En terminale, classe de philosophie, j’avais quelques étranges condisciples qui, comme moi pris par quelque obsession extérieure, vivaient cette année un peu en marge du groupe : un qui deviendra éditeur d’art, un autre qui sera sculpteur et l’auteur entre autres de la Tête au carré de la Bibliothèque Municipale à Vocation Régionale de Nice, (matériellement, une tête enfermée dans un cube) et puis, entre autres, Jean Pastureau que pendant nos vacances de bacheliers je retrouverai presque tous les jours dans la petite Bibliothèque Municipale de l’époque explorant comme moi la poésie contemporaine publiée en revues, et systématiquement dévorant la collection des « Poètes d’aujourd’hui » que publiait Seghers…

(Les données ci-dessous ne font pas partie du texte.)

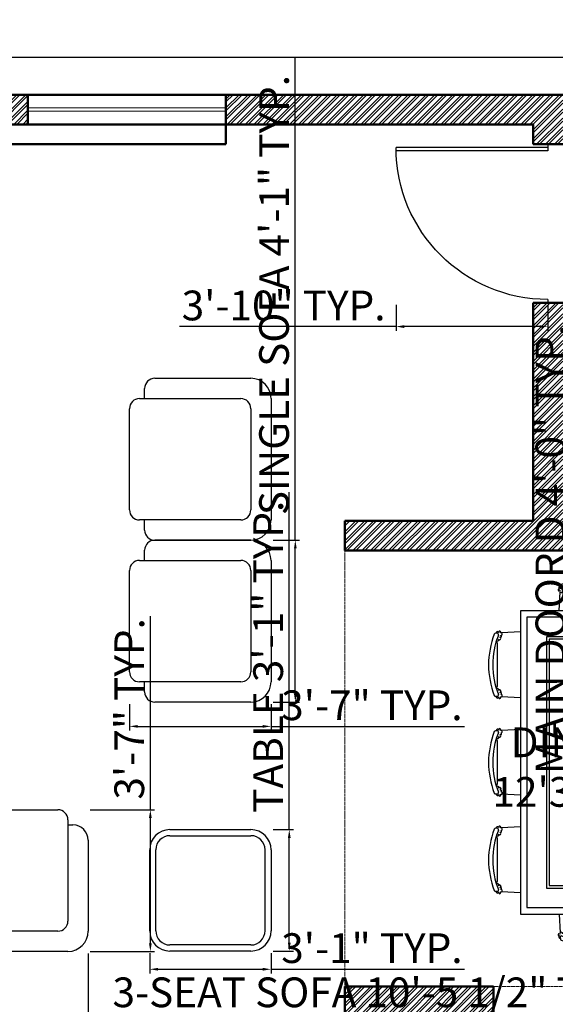
# Model space of a CAD drawing. Units: inches. Extents: x 3590 to 5167, y 65 to 1917.
# Tile 21 of 100: x 4051 to 4213, y 1531 to 1829. Entities that reach past the tile are written whole.
import ezdxf

# ---------------------------------------------------------------- set-up
doc = ezdxf.new("R2010")
doc.units = ezdxf.units.IN
doc.linetypes.add('DASHED', pattern=[0.75, 0.5, -0.25])
for name, color, linetype, lineweight in [('A-ANNO-DIMS', 2, 'Continuous', 18), ('A-AREA-IDEN', 7, 'Continuous', 18), ('A-DOOR', 3, 'Continuous', 25), ('A-FURN', 21, 'Continuous', 18), ('A-GLAZ', 4, 'Continuous', 18), ('A-WALL', 7, 'Continuous', 50), ('A-WALL-PATT', 251, 'Continuous', 13), ('S-BEAM-OVHD', 7, 'DASHED', 18)]:
    doc.layers.add(name, color=color, linetype=linetype, lineweight=lineweight)
for name, color, linetype in [('FUR', 42, 'Continuous'), ('HA', 9, 'Continuous'), ('M40-KOLTUKSUNGERI', 136, 'Continuous'), ('wood', 26, 'Continuous')]:
    doc.layers.add(name, color=color, linetype=linetype)
doc.styles.get("Standard").update_dxf_attribs({"font": 'arial.ttf'})
doc.dimstyles.new('ISO-25', dxfattribs={"dimtxt": 9, "dimasz": 2.5, "dimexe": 1.25, "dimexo": 0.625, "dimtad": 1, "dimdec": 1, "dimlunit": 3, "dimtxsty": 'Standard', "dimcen": 2.5, "dimadec": 0, "dimazin": 0, "dimtfac": 1, "dimtdec": 1, "dimtmove": 0, "dimatfit": 3, "dimfxl": 1, "dimarcsym": 0})

# ---------------------------------------------------------------- blocks, each defined once
blk = doc.blocks.new('*D5')
at = {"layer": 'A-ANNO-DIMS', "color": 0, "lineweight": -2, "transparency": 16777216}
for p, q in [((3645.51, 1806.62), (3645.51, 1818.61)), ((4305.51, 1806.62), (4305.51, 1818.61)), ((3648.01, 1817.36), (4303.01, 1817.36))]:
    blk.add_line(p, q, dxfattribs=at)
at = {"layer": 'A-ANNO-DIMS', "color": 0, "transparency": 16777216}
for points in [[(3648.01, 1817.78), (3648.01, 1816.95), (3645.51, 1817.36)], [(4303.01, 1817.78), (4303.01, 1816.95), (4305.51, 1817.36)]]:
    blk.add_solid(points, dxfattribs=at)
at = {"layer": 'Defpoints', "color": 0, "transparency": 16777216}
for p in [(4305.51, 1817.36), (3645.51, 1806), (4305.51, 1806)]:
    blk.add_point(p, dxfattribs=at)
at = {"layer": 'A-ANNO-DIMS', "color": 0, "transparency": 16777216, "insert": (3975.51, 1822.57), "char_height": 9, "attachment_point": 5}
blk.add_mtext("55'", dxfattribs=at)
blk = doc.blocks.new('D')
for p, q in [((1, 0), (1, 46)), ((2, 0), (2, 46)), ((0, 0), (2, 0)), ((47, 0), (48, 0))]:
    blk.add_line(p, q)
at = {"ltscale": 0.5}
blk.add_arc((1, 0), 46, 0, 90, dxfattribs=at)
blk = doc.blocks.new('S2')
at = {"layer": 'M40-KOLTUKSUNGERI'}
for p, q in [((-34.45, 27.56), (-14.76, 27.56)), ((-9.84, 27.56), (9.84, 27.56)), ((14.76, 27.56), (34.45, 27.56)), ((-36.42, 5.91), (-36.42, 25.59)), ((-12.8, 25.59), (-12.8, 5.91)), ((-11.81, 5.91), (-11.81, 25.59)), ((11.81, 25.59), (11.81, 5.91)), ((12.8, 5.91), (12.8, 25.59)), ((36.42, 25.59), (36.42, 5.91)), ((-37.4, 24.61), (-36.42, 24.61)), ((36.42, 24.61), (37.4, 24.61)), ((-40.35, 3.94), (-40.35, 21.65)), ((40.35, 21.65), (40.35, 3.94)), ((-14.76, 3.94), (-34.45, 3.94)), ((9.84, 3.94), (-9.84, 3.94)), ((34.45, 3.94), (14.76, 3.94)), ((36.42, 0), (-36.42, 0))]:
    blk.add_line(p, q, dxfattribs=at)
for centre, radius, start, end in [((-34.45, 25.59), 1.97, 90, 180), ((-14.76, 25.59), 1.97, 360, 90), ((-9.84, 25.59), 1.97, 90, 180), ((9.84, 25.59), 1.97, 360, 90), ((14.76, 25.59), 1.97, 90, 180), ((34.45, 25.59), 1.97, 360, 90), ((-37.4, 21.65), 2.95, 90, 180), ((37.4, 21.65), 2.95, 360, 90), ((-34.45, 5.91), 1.97, 180, 270), ((-14.76, 5.91), 1.97, 270, 0), ((-9.84, 5.91), 1.97, 180, 270), ((9.84, 5.91), 1.97, 270, 0), ((14.76, 5.91), 1.97, 180, 270), ((34.45, 5.91), 1.97, 270, 0), ((-36.42, 3.94), 3.94, 180, 270), ((36.42, 3.94), 3.94, 270, 0)]:
    blk.add_arc(centre, radius, start, end, dxfattribs=at)
blk = doc.blocks.new('S3')
at = {"layer": 'M40-KOLTUKSUNGERI'}
for p, q in [((-22.64, 15.75), (-3.94, 15.75)), ((-24.61, 11.81), (-24.61, 13.78)), ((-25.59, 11.81), (-5.91, 11.81)), ((0, 11.81), (0, -11.81)), ((-27.56, -9.84), (-27.56, 9.84)), ((-3.94, 9.84), (-3.94, -9.84)), ((-5.91, -11.81), (-25.59, -11.81)), ((-24.61, -13.78), (-24.61, -11.81)), ((-3.94, -15.75), (-22.64, -15.75))]:
    blk.add_line(p, q, dxfattribs=at)
for centre, radius, start, end in [((-22.64, 13.78), 1.97, 90, 180), ((-3.94, 11.81), 3.94, 360, 90), ((-25.59, 9.84), 1.97, 90, 180), ((-5.91, 9.84), 1.97, 360, 90), ((-25.59, -9.84), 1.97, 180, 270), ((-5.91, -9.84), 1.97, 270, 0), ((-3.94, -11.81), 3.94, 270, 0), ((-22.64, -13.78), 1.97, 180, 270)]:
    blk.add_arc(centre, radius, start, end, dxfattribs=at)
blk = doc.blocks.new('T2')
at = {"layer": 'M40-KOLTUKSUNGERI'}
for p, q in [((4874.89, 1687.13), (4890.64, 1687.13)), ((4874.89, 1685.95), (4890.64, 1685.95)), ((4870.95, 1667.45), (4870.95, 1683.2)), ((4872.13, 1667.45), (4872.13, 1683.2)), ((4893.39, 1683.2), (4893.39, 1667.45)), ((4894.57, 1683.2), (4894.57, 1667.45)), ((4890.64, 1664.69), (4874.89, 1664.69)), ((4890.64, 1663.51), (4874.89, 1663.51))]:
    blk.add_line(p, q, dxfattribs=at)
for centre, radius, start, end in [((4874.89, 1683.2), 3.94, 90, 180), ((4874.89, 1683.2), 2.76, 90, 180), ((4890.64, 1683.2), 3.94, 360, 90), ((4890.64, 1683.2), 2.76, 360, 90), ((4874.89, 1667.45), 3.94, 180, 270), ((4874.89, 1667.45), 2.76, 180, 270), ((4890.64, 1667.45), 3.94, 270, 0), ((4890.64, 1667.45), 2.76, 270, 0)]:
    blk.add_arc(centre, radius, start, end, dxfattribs=at)
blk = doc.blocks.new('A$C39F63D19')
at = {"layer": 'FUR'}
for p, q in [((1.415, 2.4468), (1.4061, 2.4547)), ((1.5486, 2.3264), (1.4408, 2.4235)), ((1.3599, 2.3864), (1.1308, 2.1573)), ((1.3599, 2.4017), (1.3588, 2.4028)), ((2.0077, 2.3522), (2.0166, 2.3602)), ((1.8741, 2.2319), (1.9819, 2.329)), ((2.0628, 2.3072), (2.0639, 2.3083)), ((2.0628, 2.2919), (2.2919, 2.0628)), ((1.1155, 2.1573), (1.1144, 2.1585)), ((1.1155, 2.1573), (1.1144, 2.1585)), ((1.0705, 2.1023), (1.0625, 2.1111)), ((1.1908, 1.9686), (1.0937, 2.0765)), ((2.3072, 2.0628), (2.3083, 2.0639)), ((2.3072, 2.0628), (2.3083, 2.0639)), ((2.2319, 1.8741), (2.329, 1.9819)), ((2.3522, 2.0077), (2.3602, 2.0166)), ((0.8846, 1.9165), (0.8758, 1.9244)), ((1.0183, 1.7961), (0.9104, 1.8932)), ((0.8296, 1.8561), (0.6005, 1.627)), ((0.8296, 1.8714), (0.8285, 1.8725)), ((0.5852, 1.627), (0.5841, 1.6281)), ((0.5852, 1.627), (0.5841, 1.6281)), ((0.5401, 1.572), (0.5322, 1.5808)), ((0.6605, 1.4383), (0.5634, 1.5462)), ((2.3264, 1.5486), (2.4235, 1.4408)), ((0.3543, 1.3861), (0.3455, 1.3941)), ((0.488, 1.2658), (0.3801, 1.3629)), ((2.4468, 1.415), (2.4547, 1.4061)), ((0.2993, 1.3258), (0.0701, 1.0967)), ((0.2993, 1.3411), (0.2981, 1.3422)), ((2.3864, 1.3599), (2.1573, 1.1308)), ((2.4017, 1.3599), (2.4028, 1.3588)), ((1.9686, 1.1908), (2.0765, 1.0937)), ((0.0549, 1.0967), (0.0538, 1.0978)), ((0.0549, 1.0967), (0.0538, 1.0978)), ((2.1023, 1.0705), (2.1111, 1.0625)), ((2.1573, 1.1155), (2.1585, 1.1144)), ((2.1573, 1.1155), (2.1585, 1.1144)), ((0.0098, 1.0416), (0.0019, 1.0505)), ((0.1302, 0.908), (0.033, 1.0158)), ((1.7961, 1.0183), (1.8932, 0.9104)), ((1.9165, 0.8846), (1.9244, 0.8758)), ((1.8561, 0.8296), (1.627, 0.6005)), ((1.8714, 0.8296), (1.8725, 0.8285)), ((1.4383, 0.6605), (1.5462, 0.5634)), ((0.2247, 0.5825), (0.1276, 0.4747)), ((1.572, 0.5401), (1.5808, 0.5322)), ((1.627, 0.5852), (1.6281, 0.5841)), ((1.627, 0.5852), (1.6281, 0.5841)), ((1.2658, 0.488), (1.3629, 0.3801)), ((0.1044, 0.4489), (0.0964, 0.44)), ((0.1494, 0.3938), (0.1483, 0.3927)), ((0.1647, 0.3938), (0.3938, 0.1647)), ((1.3861, 0.3543), (1.3941, 0.3455)), ((1.3258, 0.2993), (1.0967, 0.0701)), ((1.3411, 0.2993), (1.3422, 0.2981)), ((0.5825, 0.2247), (0.4747, 0.1276)), ((0.3938, 0.1494), (0.3927, 0.1483)), ((0.3938, 0.1494), (0.3927, 0.1483)), ((0.4489, 0.1044), (0.44, 0.0964)), ((0.908, 0.1302), (1.0158, 0.033)), ((1.0416, 0.0098), (1.0505, 0.0019)), ((1.0967, 0.0549), (1.0978, 0.0538)), ((1.0967, 0.0549), (1.0978, 0.0538))]:
    blk.add_line(p, q, dxfattribs=at)
for points in [[(1.6641, 2.4419), (0.0147, 0.7925), (0.7925, 0.0147), (2.4419, 1.6641)], [(1.6641, 2.3712), (0.0854, 0.7925), (0.7925, 0.0854), (2.3712, 1.6641)], [(1.6641, 2.159), (0.2976, 0.7925), (0.7925, 0.2976), (2.159, 1.6641)]]:
    blk.add_lwpolyline(points, close=True, dxfattribs=at)
for centre, radius, start, end in [((1.6574, 1.8598), 0.6521, 113.77302, 156.22698), ((1.6574, 1.8598), 0.6197, 113.33062, 156.66938), ((1.3989, 2.4467), 0.0108, 48, 113.77302), ((1.4185, 2.4458), 0.0101, 329.62103, 147.42526), ((1.4077, 2.4388), 0.0108, 293.33062, 48), ((1.4308, 2.4208), 0.0103, 213.3009, 71.36297), ((1.4349, 2.4385), 0.00795, 264.76881, 163.65384), ((1.3523, 2.3941), 0.0108, 315, 45), ((1.3814, 2.4068), 0.0085, 151.04971, 5.85435), ((1.3995, 2.4044), 0.0102, 161.25601, 35.99509), ((1.4156, 2.411), 0.00785, 184.4301, 31.81325), ((1.9878, 2.3439), 0.00795, 16.34616, 275.23119), ((2.0042, 2.3512), 0.0101, 32.57474, 210.37897), ((2.015, 2.3442), 0.0108, 132, 246.66938), ((2.0238, 2.3521), 0.0108, 66.22698, 132), ((1.7653, 1.7653), 0.6521, 23.77302, 66.22698), ((1.9919, 2.3262), 0.0103, 108.63703, 326.6991), ((2.0071, 2.3164), 0.00785, 148.18675, 355.5699), ((1.7653, 1.7653), 0.6197, 23.33062, 66.66938), ((2.0232, 2.3098), 0.0102, 144.00491, 18.74399), ((2.0413, 2.3122), 0.0085, 174.14565, 28.95029), ((2.0704, 2.2995), 0.0108, 135, 225), ((1.0705, 2.1184), 0.0108, 156.22698, 222), ((1.1105, 2.1359), 0.0085, 264.14565, 118.95029), ((1.1232, 2.165), 0.0108, 225, 315), ((1.0715, 2.0987), 0.0101, 122.57474, 300.37897), ((1.0785, 2.1095), 0.0108, 222, 336.66938), ((1.0788, 2.0824), 0.00795, 106.34616, 5.23119), ((1.0965, 2.0864), 0.0103, 198.63703, 56.6991), ((1.1063, 2.1017), 0.00785, 238.18675, 85.5699), ((2.2995, 2.0704), 0.0108, 225, 315), ((2.3122, 2.0413), 0.0085, 61.04971, 275.85435), ((2.3098, 2.0232), 0.0102, 71.25601, 305.99509), ((2.3164, 2.0071), 0.00785, 94.4301, 301.81325), ((2.3262, 1.9919), 0.0103, 123.3009, 341.36297), ((2.3442, 2.015), 0.0108, 203.33062, 318), ((2.3439, 1.9878), 0.00795, 174.76881, 73.65384), ((2.3512, 2.0042), 0.0101, 239.62103, 57.42526), ((2.3521, 2.0238), 0.0108, 318, 23.77302), ((1.1271, 1.3295), 0.6521, 113.77302, 156.22698), ((1.1271, 1.3295), 0.6197, 113.33062, 156.66938), ((0.8686, 1.9164), 0.0108, 48, 113.77302), ((0.8882, 1.9155), 0.0101, 329.62103, 147.42526), ((0.8774, 1.9084), 0.0108, 293.33062, 48), ((0.9005, 1.8904), 0.0103, 213.3009, 71.36297), ((0.9045, 1.9081), 0.00795, 264.76881, 163.65384), ((0.8219, 1.8638), 0.0108, 315, 45), ((0.8511, 1.8765), 0.0085, 151.04971, 5.85435), ((0.8692, 1.8741), 0.0102, 161.25601, 35.99509), ((0.8852, 1.8806), 0.00785, 184.4301, 31.81325), ((0.5402, 1.588), 0.0108, 156.22698, 222), ((0.5801, 1.6055), 0.0085, 264.14565, 118.95029), ((0.5825, 1.5874), 0.0102, 234.00491, 108.74399), ((0.5928, 1.6347), 0.0108, 225, 315), ((0.5411, 1.5684), 0.0101, 122.57474, 300.37897), ((0.5482, 1.5792), 0.0108, 222, 336.66938), ((0.5485, 1.5521), 0.00795, 106.34616, 5.23119), ((0.5662, 1.5561), 0.0103, 198.63703, 56.6991), ((0.576, 1.5714), 0.00785, 238.18675, 85.5699), ((2.4208, 1.4308), 0.0103, 18.63703, 236.6991), ((2.4385, 1.4349), 0.00795, 286.34616, 185.23119), ((0.5968, 0.7992), 0.6521, 113.77302, 156.22698), ((0.5968, 0.7992), 0.6197, 113.33062, 156.66938), ((0.3382, 1.3861), 0.0108, 48, 113.77302), ((0.3579, 1.3851), 0.0101, 329.62103, 147.42526), ((0.3471, 1.3781), 0.0108, 293.33062, 48), ((0.3702, 1.3601), 0.0103, 213.3009, 71.36297), ((0.3742, 1.3778), 0.00795, 264.76881, 163.65384), ((1.8598, 1.6574), 0.6197, 293.33062, 336.66938), ((1.8598, 1.6574), 0.6521, 293.77302, 336.22698), ((2.3941, 1.3523), 0.0108, 45, 135), ((2.4044, 1.3995), 0.0102, 54.00491, 288.74399), ((2.4068, 1.3814), 0.0085, 84.14565, 298.95029), ((2.411, 1.4156), 0.00785, 58.18675, 265.5699), ((2.4388, 1.4077), 0.0108, 42, 156.66938), ((2.4458, 1.4185), 0.0101, 302.57474, 120.37897), ((2.4467, 1.3989), 0.0108, 336.22698, 42), ((0.2916, 1.3334), 0.0108, 315, 45), ((0.3207, 1.3461), 0.0085, 151.04971, 5.85435), ((0.3388, 1.3437), 0.0102, 161.25601, 35.99509), ((0.3549, 1.3503), 0.00785, 184.4301, 31.81325), ((0.0099, 1.0577), 0.0108, 156.22698, 222), ((0.0498, 1.0752), 0.0085, 264.14565, 118.95029), ((0.0522, 1.0571), 0.0102, 234.00491, 108.74399), ((0.0625, 1.1043), 0.0108, 225, 315), ((2.0824, 1.0788), 0.00795, 84.76881, 343.65384), ((2.0864, 1.0965), 0.0103, 33.3009, 251.36297), ((2.0987, 1.0715), 0.0101, 149.62103, 327.42526), ((2.1017, 1.1063), 0.00785, 4.4301, 211.81325), ((2.1095, 1.0785), 0.0108, 113.33062, 228), ((2.1178, 1.1129), 0.0102, 341.25601, 215.99509), ((2.1184, 1.0705), 0.0108, 228, 293.77302), ((2.1359, 1.1105), 0.0085, 331.04971, 185.85435), ((2.165, 1.1232), 0.0108, 135, 225), ((0.0108, 1.0381), 0.0101, 122.57474, 300.37897), ((0.0178, 1.0489), 0.0108, 222, 336.66938), ((0.0181, 1.0217), 0.00795, 106.34616, 5.23119), ((0.0358, 1.0258), 0.0103, 198.63703, 56.6991), ((0.0456, 1.041), 0.00785, 238.18675, 85.5699), ((1.8904, 0.9005), 0.0103, 18.63703, 236.6991), ((1.9081, 0.9045), 0.00795, 286.34616, 185.23119), ((1.3295, 1.1271), 0.6197, 293.33062, 336.66938), ((1.3295, 1.1271), 0.6521, 293.77302, 336.22698), ((1.8741, 0.8692), 0.0102, 54.00491, 288.74399), ((1.8765, 0.8511), 0.0085, 84.14565, 298.95029), ((1.8806, 0.8852), 0.00785, 58.18675, 265.5699), ((1.9084, 0.8774), 0.0108, 42, 156.66938), ((1.9155, 0.8882), 0.0101, 302.57474, 120.37897), ((1.9164, 0.8686), 0.0108, 336.22698, 42), ((1.8638, 0.8219), 0.0108, 45, 135), ((1.5521, 0.5485), 0.00795, 84.76881, 343.65384), ((1.5561, 0.5662), 0.0103, 33.3009, 251.36297), ((1.5684, 0.5411), 0.0101, 149.62103, 327.42526), ((1.5714, 0.576), 0.00785, 4.4301, 211.81325), ((1.5792, 0.5482), 0.0108, 113.33062, 228), ((1.5874, 0.5825), 0.0102, 341.25601, 215.99509), ((1.588, 0.5402), 0.0108, 228, 293.77302), ((1.6055, 0.5801), 0.0085, 331.04971, 185.85435), ((1.6347, 0.5928), 0.0108, 135, 225), ((0.1054, 0.4524), 0.0101, 59.62103, 237.42526), ((0.1127, 0.4688), 0.00795, 354.76881, 253.65384), ((0.1304, 0.4647), 0.0103, 303.3009, 161.36297), ((0.1402, 0.4495), 0.00785, 274.4301, 121.81325), ((0.1044, 0.4328), 0.0108, 138, 203.77302), ((0.6913, 0.6913), 0.6521, 203.77302, 246.22698), ((0.1124, 0.4416), 0.0108, 23.33062, 138), ((0.6913, 0.6913), 0.6197, 203.33062, 246.66938), ((0.1444, 0.4153), 0.0085, 241.04971, 95.85435), ((0.1468, 0.4334), 0.0102, 251.25601, 125.99509), ((0.1571, 0.3862), 0.0108, 45, 135), ((1.3601, 0.3702), 0.0103, 18.63703, 236.6991), ((1.3778, 0.3742), 0.00795, 286.34616, 185.23119), ((0.7992, 0.5968), 0.6197, 293.33062, 336.66938), ((0.7992, 0.5968), 0.6521, 293.77302, 336.22698), ((1.3437, 0.3388), 0.0102, 54.00491, 288.74399), ((1.3461, 0.3207), 0.0085, 84.14565, 298.95029), ((1.3503, 0.3549), 0.00785, 58.18675, 265.5699), ((1.3781, 0.3471), 0.0108, 42, 156.66938), ((1.3851, 0.3579), 0.0101, 302.57474, 120.37897), ((1.3861, 0.3382), 0.0108, 336.22698, 42), ((1.3334, 0.2916), 0.0108, 45, 135), ((0.3862, 0.1571), 0.0108, 315, 45), ((0.4153, 0.1444), 0.0085, 354.14565, 208.95029), ((0.4334, 0.1468), 0.0102, 324.00491, 198.74399), ((0.4328, 0.1044), 0.0108, 246.22698, 312), ((0.4495, 0.1402), 0.00785, 328.18675, 175.5699), ((0.4524, 0.1054), 0.0101, 212.57474, 30.37897), ((0.4416, 0.1124), 0.0108, 312, 66.66938), ((0.4647, 0.1304), 0.0103, 288.63703, 146.6991), ((0.4688, 0.1127), 0.00795, 196.34616, 95.23119), ((1.0217, 0.0181), 0.00795, 84.76881, 343.65384), ((1.0258, 0.0358), 0.0103, 33.3009, 251.36297), ((1.0381, 0.0108), 0.0101, 149.62103, 327.42526), ((1.041, 0.0456), 0.00785, 4.4301, 211.81325), ((1.0489, 0.0178), 0.0108, 113.33062, 228), ((1.0571, 0.0522), 0.0102, 341.25601, 215.99509), ((1.0577, 0.0099), 0.0108, 228, 293.77302), ((1.0752, 0.0498), 0.0085, 331.04971, 185.85435), ((1.1043, 0.0625), 0.0108, 135, 225)]:
    blk.add_arc(centre, radius, start, end, dxfattribs=at)
at = {"layer": 'HA'}
blk.add_lwpolyline([(1.6641, 2.1308), (0.3258, 0.7925), (0.7925, 0.3258), (2.1308, 1.6641)], close=True, dxfattribs=at)
at = {"layer": 'wood'}
for points in [[(1.3825, 2.4152, 0.308332), (1.374, 2.4109, -0.00386)], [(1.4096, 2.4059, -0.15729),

J’appris plus tard qu’adolescent Jean Pastureau – avec Jean Bua, son plus proche ami, qui sera musicien dans l’orchestre de l’Opéra de Nice – grimpait sur les toits du théâtre du Casino Municipal pour écouter gratuitement les concerts de l’Orchestre qu’ils ne pouvaient s’offrir … jusqu’au jour où la verrière cédant sous le poids de Jean Bua, celui-ci chût dans la salle.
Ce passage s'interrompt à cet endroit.